Pretraining Data Engineer - Remote Role at Poolside
About the Role
We're hiring a Pretraining Data Engineer to join our innovative team at Poolside. In this remote role, you will be instrumental in building and scaling our Model Factory, which is essential for training our foundation models. Your primary mission as a Pretraining Data Engineer will be to architect and maintain high-performance pipelines that transform trillions of raw tokens into the high-quality datasets that our models require.
What You'll Do
- Build and maintain high-performance pipelines for processing trillions of tokens.
- Deliver diverse and high-quality datasets for pre-training foundation models.

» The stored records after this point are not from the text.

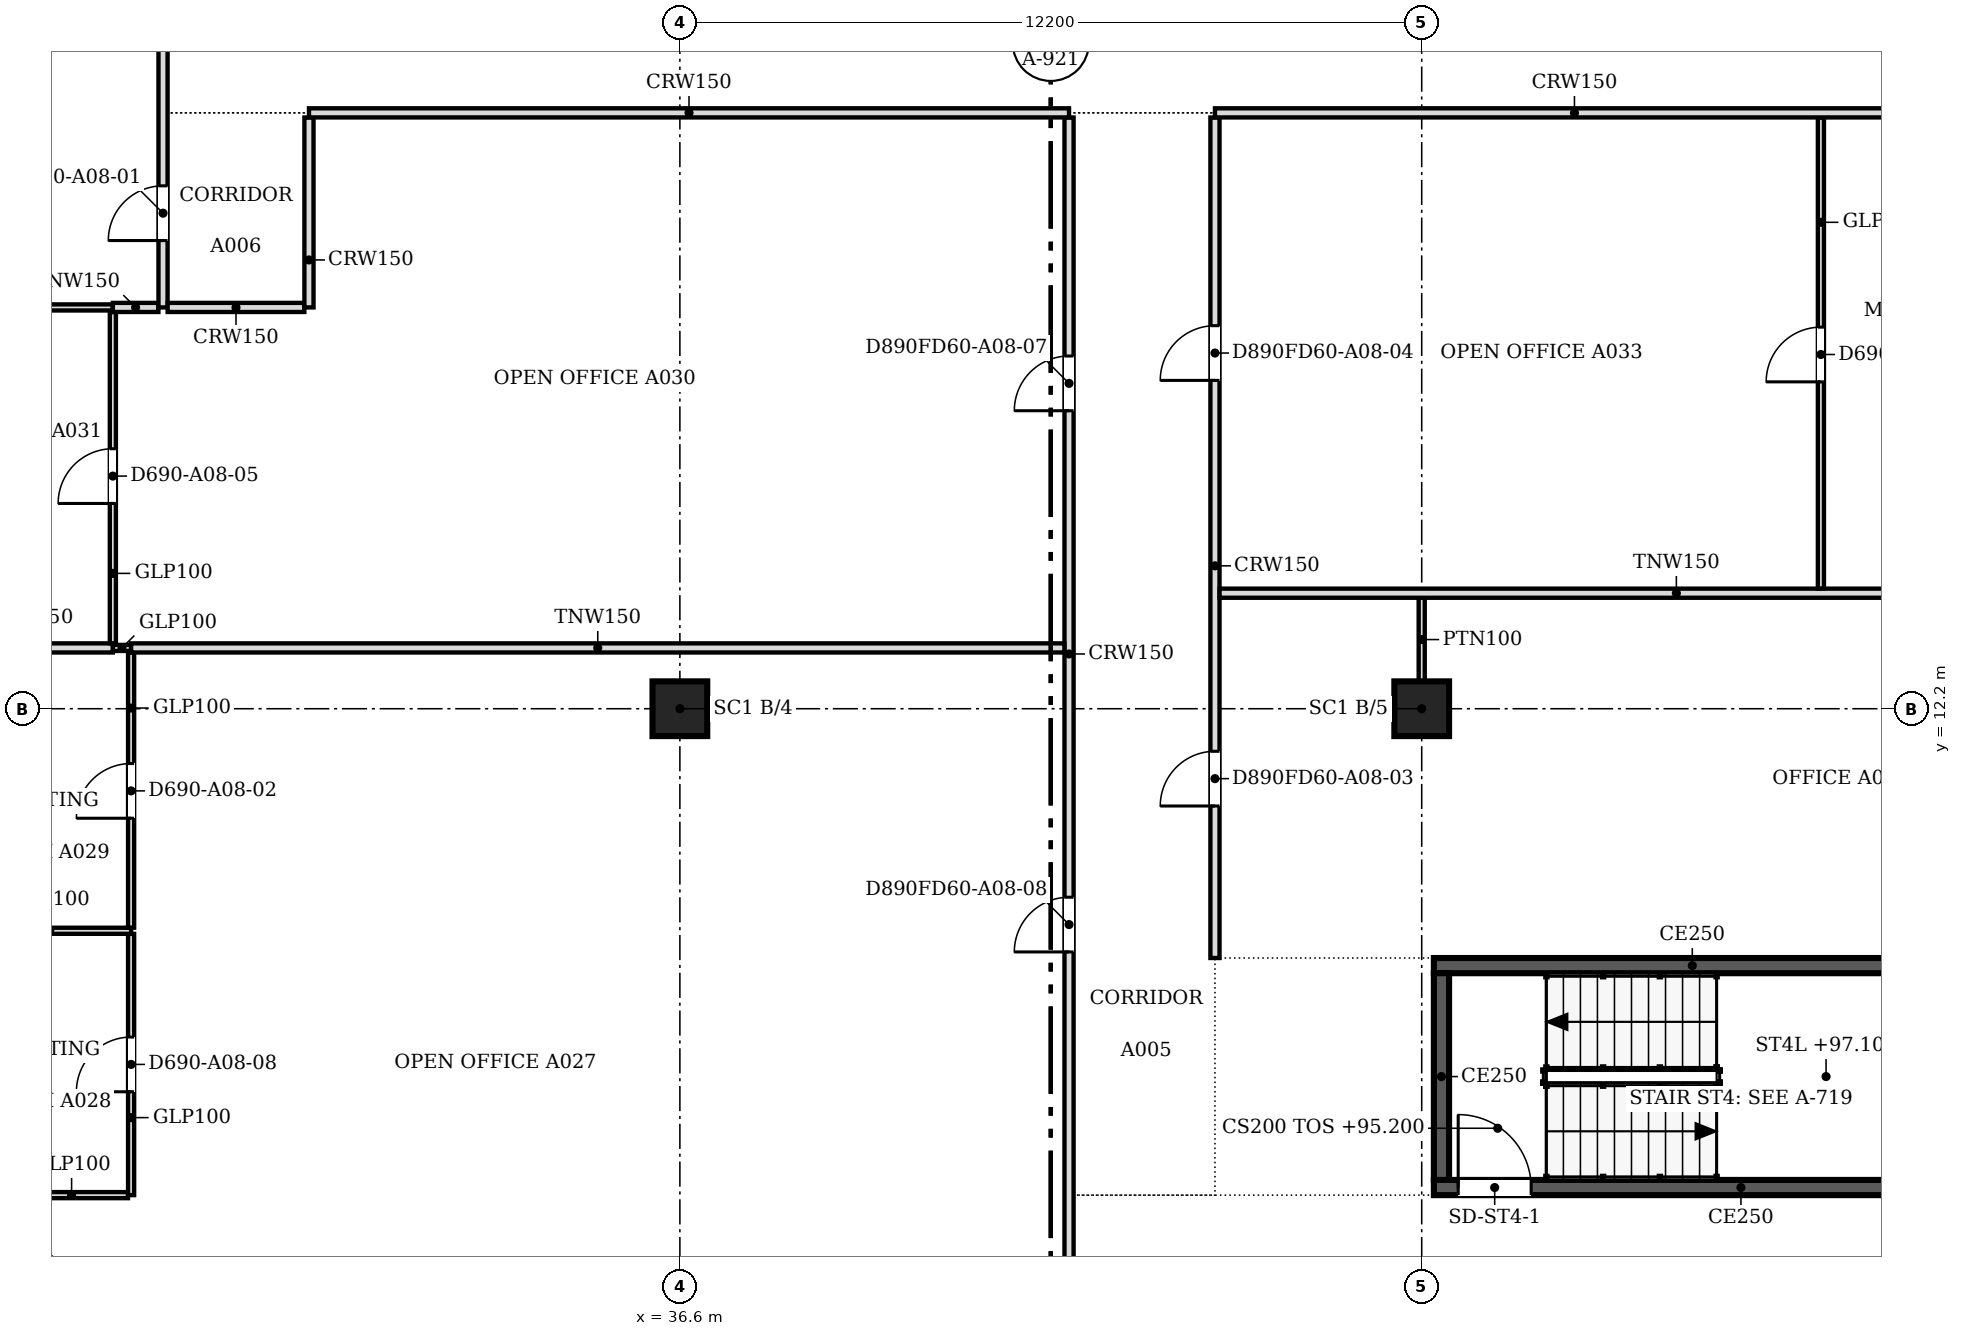
"""IFC4 building model, lengths in metres.
Left out: names, types, materials, properties, quantities, classifications, styles, units other than length and angle.
Written with IfcOpenShell. Run it as: python <this file> out.ifc"""

import sys

from ifc_helpers import new_model, si_unit, direction, frame, frame_2d, origin, origin_2d, place, context, subcontext, project, spatial, polyline, rectangle, outline, extrude, faceted_brep, source, transform, mapped, element, fill, save


model = new_model("IFC4")
c1 = context("Model", 3, precision=1e-05, world=origin(), true_north=direction((0.0, 1.0)))
c2 = subcontext(c1, "Body", "Model", "MODEL_VIEW")
j1 = project(units=[si_unit("LENGTHUNIT", "METRE"), si_unit("PLANEANGLEUNIT", "RADIAN")], contexts=[c1])
p1 = place(None, origin())
s1 = spatial("IfcSite", under=j1, at=p1, CompositionType="ELEMENT")
p2 = place(p1, origin())
s2 = spatial("IfcBuilding", under=s1, at=p2, CompositionType="ELEMENT")
p3 = place(p2, frame((0.0, 0.0, 95.2)))
s3 = spatial("IfcBuildingStorey", under=s2, at=p3, CompositionType="ELEMENT", Elevation=95.2)
for number, where, z_axis, x_axis in (
    (1, (36.6, 12.2, 0.0), (0.0, 0.0, 1.0), (1.0, 0.0, 0.0)),
    (2, (48.8, 12.2, 0.0), (0.0, 0.0, 1.0), (1.0, 0.0, 0.0)),
):
    element("IfcColumn", number, at=place(p3, frame(where, z_axis=z_axis, x_axis=x_axis)), inside=s3, PredefinedType="COLUMN", context=c2, shape_type="SweptSolid", body=[
        extrude(rectangle(XDim=0.9, YDim=0.9, at=origin_2d()), origin(), (0.0, 0.0, 1.0), 3.6),
    ])
m1 = source(origin(), c2, "Body", "Brep", [
    faceted_brep([(2.944, -0.25, 0.0), (2.997, -0.25, 0.068), (2.997, -0.25, 7.532), (2.944, -0.25, 7.6), (0.0, -0.25, 3.8), (0.053, 0.25, 3.868), (2.891, 0.25, 7.532), (2.891, 0.25, 0.068), (0.053, 0.25, 3.732), (2.944, 0.0, 0.0), (2.944, 0.0, 7.6), (0.0, 0.0, 3.8)], [[[0, 1, 2, 3, 4]], [[5, 6, 7, 8]], [[1, 0, 9]], [[10, 3, 2]], [[6, 5, 11, 4, 3, 10]], [[8, 7, 9, 0, 4, 11]], [[8, 11, 5]], [[1, 9, 7, 6, 10, 2]]]),
])
p4 = place(p3, frame((25.712, 3.394, -3.8), z_axis=(0.0, 0.0, 1.0), x_axis=(0.707066050402, -0.707147509625, 0.0)))
e3 = element("IfcWall", 3, at=p4, inside=s3, PredefinedType="SOLIDWALL", context=c2, shape_type="MappedRepresentation", body=[
    mapped(m1, transform((0.0, 0.0, 0.0), scale=1.0)),
])
m2 = source(origin(), c2, "Body", "SweptSolid", [
    extrude(outline(polyline([(2.744, 6.934), (0.316, 3.8), (2.744, 0.667), (2.744, 6.934)])), frame((0.0, 0.26, 0.0), z_axis=(0.0, -1.0, 0.0), x_axis=(1.0, 0.0, 0.0)), (0.0, 0.0, 1.0), 0.52),
])
p5 = place(p4, origin())
e4 = element("IfcOpeningElement", 4, at=p5, cuts=e3, PredefinedType="OPENING", context=c2, shape_type="MappedRepresentation", body=[
    mapped(m2, transform((0.0, 0.0, 0.0), scale=1.0)),
])
p6 = place(p2, frame((0.0, 0.0, 99.0)))
s4 = spatial("IfcBuildingStorey", under=s2, at=p6, CompositionType="ELEMENT", Elevation=99.0)
m3 = source(origin(), c2, "Body", "Brep", [
    faceted_brep([(0.053, -0.25, 0.0), (2.997, -0.25, 3.8), (0.053, -0.25, 7.6), (0.0, -0.25, 7.532), (0.0, -0.25, 0.068), (0.106, 0.25, 7.532), (2.944, 0.25, 3.868), (2.944, 0.25, 3.732), (0.106, 0.25, 0.068), (2.997, 0.0, 3.8), (0.053, 0.0, 0.0), (0.053, 0.0, 7.6)], [[[0, 1, 2, 3, 4]], [[5, 6, 7, 8]], [[8, 7, 9, 1, 0, 10]], [[6, 5, 11, 2, 1, 9]], [[3, 2, 11]], [[10, 0, 4]], [[8, 10, 4, 3, 11, 5]], [[9, 7, 6]]]),
])
p7 = place(p6, frame((25.675, 3.431, -3.8), z_axis=(0.0, 0.0, 1.0), x_axis=(0.707106781187, -0.707106781187, 0.0)))
e5 = element("IfcWall", 5, at=p7, inside=s4, PredefinedType="SOLIDWALL", context=c2, shape_type="MappedRepresentation", body=[
    mapped(m3, transform((0.0, 0.0, 0.0), scale=1.0)),
])
m4 = source(origin(), c2, "Body", "SweptSolid", [
    extrude(outline(polyline([(0.253, 0.666), (2.681, 3.8), (0.253, 6.934), (0.253, 0.666)])), frame((0.0, 0.26, 0.0), z_axis=(0.0, -1.0, 0.0), x_axis=(1.0, 0.0, 0.0)), (0.0, 0.0, 1.0), 0.52),
])
p8 = place(p7, origin())
e6 = element("IfcOpeningElement", 6, at=p8, cuts=e5, PredefinedType="OPENING", context=c2, shape_type="MappedRepresentation", body=[
    mapped(m4, transform((0.0, 0.0, 0.0), scale=1.0)),
])
p9 = place(p3, frame((57.5, 4.325, 0.0), z_axis=(0.0, 0.0, 1.0), x_axis=(-1.0, 0.0, 0.0)))
e7 = element("IfcWall", 7, at=p9, inside=s3, PredefinedType="SOLIDWALL", context=c2, shape_type="SweptSolid", body=[
    extrude(rectangle(XDim=8.5, YDim=0.25, at=frame_2d((4.25, 0.0))), origin(), (0.0, 0.0, 1.0), 3.8),
])
m5 = source(origin(), c2, "Body", "SweptSolid", [
    extrude(rectangle(XDim=1.2, YDim=2.1, at=frame_2d((0.6, 1.05))), frame((0.0, 0.135, 0.0), z_axis=(0.0, -1.0, 0.0), x_axis=(1.0, 0.0, 0.0)), (0.0, 0.0, 1.0), 0.27),
])
p10 = place(p9, frame((6.9, 0.0, 0.0)))
e8 = element("IfcOpeningElement", 8, at=p10, cuts=e7, PredefinedType="OPENING", context=c2, shape_type="MappedRepresentation", body=[
    mapped(m5, transform((0.0, 0.0, 0.0), scale=1.0)),
])
p11 = place(p3, frame((49.125, 4.45, 0.0), z_axis=(0.0, 0.0, 1.0), x_axis=(0.0, 1.0, 0.0)))
e9 = element("IfcWall", 9, at=p11, inside=s3, PredefinedType="SOLIDWALL", context=c2, shape_type="SweptSolid", body=[
    extrude(rectangle(XDim=3.4, YDim=0.25, at=frame_2d((1.7, 0.0))), origin(), (0.0, 0.0, 1.0), 3.8),
])
p12 = place(p3, frame((49.0, 7.975, 0.0), z_axis=(0.0, 0.0, 1.0), x_axis=(1.0, 0.0, 0.0)))
e10 = element("IfcWall", 10, at=p12, inside=s3, PredefinedType="SOLIDWALL", context=c2, shape_type="SweptSolid", body=[
    extrude(rectangle(XDim=8.5, YDim=0.25, at=frame_2d((4.25, 0.0))), origin(), (0.0, 0.0, 1.0), 3.8),
])
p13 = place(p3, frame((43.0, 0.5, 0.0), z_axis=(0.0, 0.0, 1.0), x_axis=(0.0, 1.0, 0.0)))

- Collaborate closely with teams such as Pretraining, Posttraining, Evals, and Product to ensure alignment on model quality.
- Engineer ingestion, deduplication, and streaming systems that handle petabyte-scale data.
- Bridge the gap between raw web crawls and GPU clusters, influencing model performance through superior data modeling and distributed pipeline optimization.
Requirements
- Strong background in building production-grade, distributed data systems for machine learning.
- Experience with orchestration tools like Slurm, Airflow, or Dagster.
- Familiarity with observability and reliability tools such as CI/CD, Grafana, and Prometheus.
- Proficiency in infrastructure tools including Git, Docker, Kubernetes, and cloud managed services.
- Expert-level knowledge of Python and ability to write clean, maintainable code.
- Strong algorithmic foundations and proficiency with libraries like Polars, Dask, or PySpark.
Nice to Have
- Experience in building trillion-scale SOTA pretraining datasets.
- Experience translating research to production at scale.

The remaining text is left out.